Freddie Mac’s weekly mortgage survey reported last Thursday that the average interest rate on a 30 year and 15 year conventional mortgage dropped for the first time in 11 weeks. The 30 year mortgage rate fell from 4.46 percent to 4.42 and the 15 year rate dropped from 3.47 to 3.43 percent. As mortgage rates this weekmentioned last week, while changes, the rates changes really aren’t that significant.

If investor rates however begin to approach 5.50 percent, that will keep some investors on the sidelines. Today a 30 year mortgage rate for a rental property can be found around 4.75 to 5.00 percent.

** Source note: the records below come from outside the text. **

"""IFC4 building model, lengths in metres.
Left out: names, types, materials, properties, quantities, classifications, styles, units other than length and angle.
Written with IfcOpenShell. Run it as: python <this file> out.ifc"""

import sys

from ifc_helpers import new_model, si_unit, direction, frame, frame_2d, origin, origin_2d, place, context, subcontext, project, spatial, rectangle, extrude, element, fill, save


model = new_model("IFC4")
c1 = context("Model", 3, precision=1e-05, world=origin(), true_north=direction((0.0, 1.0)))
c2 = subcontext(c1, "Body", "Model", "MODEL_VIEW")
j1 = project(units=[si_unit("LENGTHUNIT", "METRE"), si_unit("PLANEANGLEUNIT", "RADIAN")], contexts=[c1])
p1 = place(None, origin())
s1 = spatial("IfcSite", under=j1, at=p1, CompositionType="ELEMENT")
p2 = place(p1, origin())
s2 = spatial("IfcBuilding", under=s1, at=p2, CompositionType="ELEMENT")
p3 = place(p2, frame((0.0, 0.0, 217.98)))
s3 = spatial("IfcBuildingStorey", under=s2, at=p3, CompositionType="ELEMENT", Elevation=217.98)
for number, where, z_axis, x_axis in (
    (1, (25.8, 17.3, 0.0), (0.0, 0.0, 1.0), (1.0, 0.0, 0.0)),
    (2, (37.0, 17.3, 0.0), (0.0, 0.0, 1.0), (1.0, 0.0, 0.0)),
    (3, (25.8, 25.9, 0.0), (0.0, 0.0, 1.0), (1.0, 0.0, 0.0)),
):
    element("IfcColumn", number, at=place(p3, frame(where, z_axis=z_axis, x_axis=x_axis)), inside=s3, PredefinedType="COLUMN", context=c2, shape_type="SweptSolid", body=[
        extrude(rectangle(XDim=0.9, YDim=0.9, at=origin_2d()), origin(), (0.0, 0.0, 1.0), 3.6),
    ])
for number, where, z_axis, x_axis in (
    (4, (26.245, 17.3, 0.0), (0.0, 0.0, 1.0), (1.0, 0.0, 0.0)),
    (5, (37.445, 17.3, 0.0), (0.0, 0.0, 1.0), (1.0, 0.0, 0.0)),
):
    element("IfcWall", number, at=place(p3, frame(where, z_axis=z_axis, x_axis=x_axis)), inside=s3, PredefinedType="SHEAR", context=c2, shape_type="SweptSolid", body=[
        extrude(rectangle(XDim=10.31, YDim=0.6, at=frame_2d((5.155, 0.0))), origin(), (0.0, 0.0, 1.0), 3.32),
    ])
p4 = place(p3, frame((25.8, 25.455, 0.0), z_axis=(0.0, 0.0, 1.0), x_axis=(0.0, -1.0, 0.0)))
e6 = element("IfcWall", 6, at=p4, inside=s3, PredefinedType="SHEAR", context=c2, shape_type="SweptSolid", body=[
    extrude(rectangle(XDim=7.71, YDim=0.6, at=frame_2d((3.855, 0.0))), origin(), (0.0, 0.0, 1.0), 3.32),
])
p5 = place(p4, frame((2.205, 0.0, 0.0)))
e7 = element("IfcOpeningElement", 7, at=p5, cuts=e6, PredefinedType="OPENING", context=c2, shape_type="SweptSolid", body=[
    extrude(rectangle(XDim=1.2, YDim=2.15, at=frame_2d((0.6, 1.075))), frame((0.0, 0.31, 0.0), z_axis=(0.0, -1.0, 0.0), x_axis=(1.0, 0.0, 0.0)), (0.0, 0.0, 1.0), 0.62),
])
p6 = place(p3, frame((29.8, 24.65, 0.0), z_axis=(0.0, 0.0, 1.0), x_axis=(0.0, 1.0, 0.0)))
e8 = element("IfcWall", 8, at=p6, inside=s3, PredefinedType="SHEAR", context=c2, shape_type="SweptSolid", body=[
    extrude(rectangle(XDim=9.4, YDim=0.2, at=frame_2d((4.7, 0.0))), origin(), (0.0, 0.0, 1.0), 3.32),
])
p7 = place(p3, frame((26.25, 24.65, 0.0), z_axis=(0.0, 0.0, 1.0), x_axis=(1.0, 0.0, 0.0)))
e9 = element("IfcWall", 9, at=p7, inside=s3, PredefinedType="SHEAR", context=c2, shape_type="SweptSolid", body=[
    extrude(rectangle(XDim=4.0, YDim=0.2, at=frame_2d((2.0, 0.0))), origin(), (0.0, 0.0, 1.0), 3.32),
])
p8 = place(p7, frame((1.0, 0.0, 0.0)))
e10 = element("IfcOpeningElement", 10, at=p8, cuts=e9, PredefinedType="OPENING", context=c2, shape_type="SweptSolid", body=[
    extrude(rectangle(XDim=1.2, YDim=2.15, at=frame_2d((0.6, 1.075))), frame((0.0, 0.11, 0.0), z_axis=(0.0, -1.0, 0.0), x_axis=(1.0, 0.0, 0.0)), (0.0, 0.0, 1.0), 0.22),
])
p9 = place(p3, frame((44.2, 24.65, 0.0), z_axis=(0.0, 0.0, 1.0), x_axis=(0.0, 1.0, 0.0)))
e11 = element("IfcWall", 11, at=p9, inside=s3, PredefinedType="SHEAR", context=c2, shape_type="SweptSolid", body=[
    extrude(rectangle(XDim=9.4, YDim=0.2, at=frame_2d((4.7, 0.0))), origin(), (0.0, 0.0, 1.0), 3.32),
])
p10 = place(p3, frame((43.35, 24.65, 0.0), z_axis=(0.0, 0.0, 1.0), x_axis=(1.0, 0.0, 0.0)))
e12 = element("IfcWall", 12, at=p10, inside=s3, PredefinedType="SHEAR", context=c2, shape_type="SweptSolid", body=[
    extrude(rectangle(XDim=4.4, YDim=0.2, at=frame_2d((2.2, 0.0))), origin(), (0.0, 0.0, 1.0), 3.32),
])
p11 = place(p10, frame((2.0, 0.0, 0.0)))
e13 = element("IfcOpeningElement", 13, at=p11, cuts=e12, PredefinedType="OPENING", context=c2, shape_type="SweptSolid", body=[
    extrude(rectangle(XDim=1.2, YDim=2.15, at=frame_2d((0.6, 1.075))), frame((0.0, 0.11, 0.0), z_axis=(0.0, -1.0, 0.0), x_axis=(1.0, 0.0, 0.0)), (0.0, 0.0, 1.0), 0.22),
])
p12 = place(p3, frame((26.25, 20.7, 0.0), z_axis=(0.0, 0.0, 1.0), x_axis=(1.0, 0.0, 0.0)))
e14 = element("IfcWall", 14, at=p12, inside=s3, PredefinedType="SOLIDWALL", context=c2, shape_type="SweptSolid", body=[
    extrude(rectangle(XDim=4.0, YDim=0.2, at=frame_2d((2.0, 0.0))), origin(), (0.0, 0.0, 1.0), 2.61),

So what can change this week to alter the mortgage market mood? Three things are really at play here. The first being the holiday season that distracts many from their day to day activities. Other than retail and restaurants, companies at large tend to slow their pace and won’t get back in earnest again until after the New Year. The phrase, “I’ll get back to you after the first of the year” can be heard in most any industry.

Next, there really are no major economic reports scheduled for release this week. The is the consumer price index number slotted for Tuesday and unless there is some major surprise, the number should be tame, especially with the cost of gasoline having fallen over recent weeks. There are also Housing Starts and Building Permits but again these two reports rarely have any major influence on rates.

The big ticket item is the Fed announcement this Thursday after the round of two day Federal Open Market Committee meetings. The Fed has plainly stated that the target unemployment rate of 6.5 percent will be what triggers the beginning of the end of the current $85 billion per month stimulus. And with the unemployment rate having dropped from 7.3 to 7.0 percent last month, it’s looking like Fed easing will come sooner rather than later.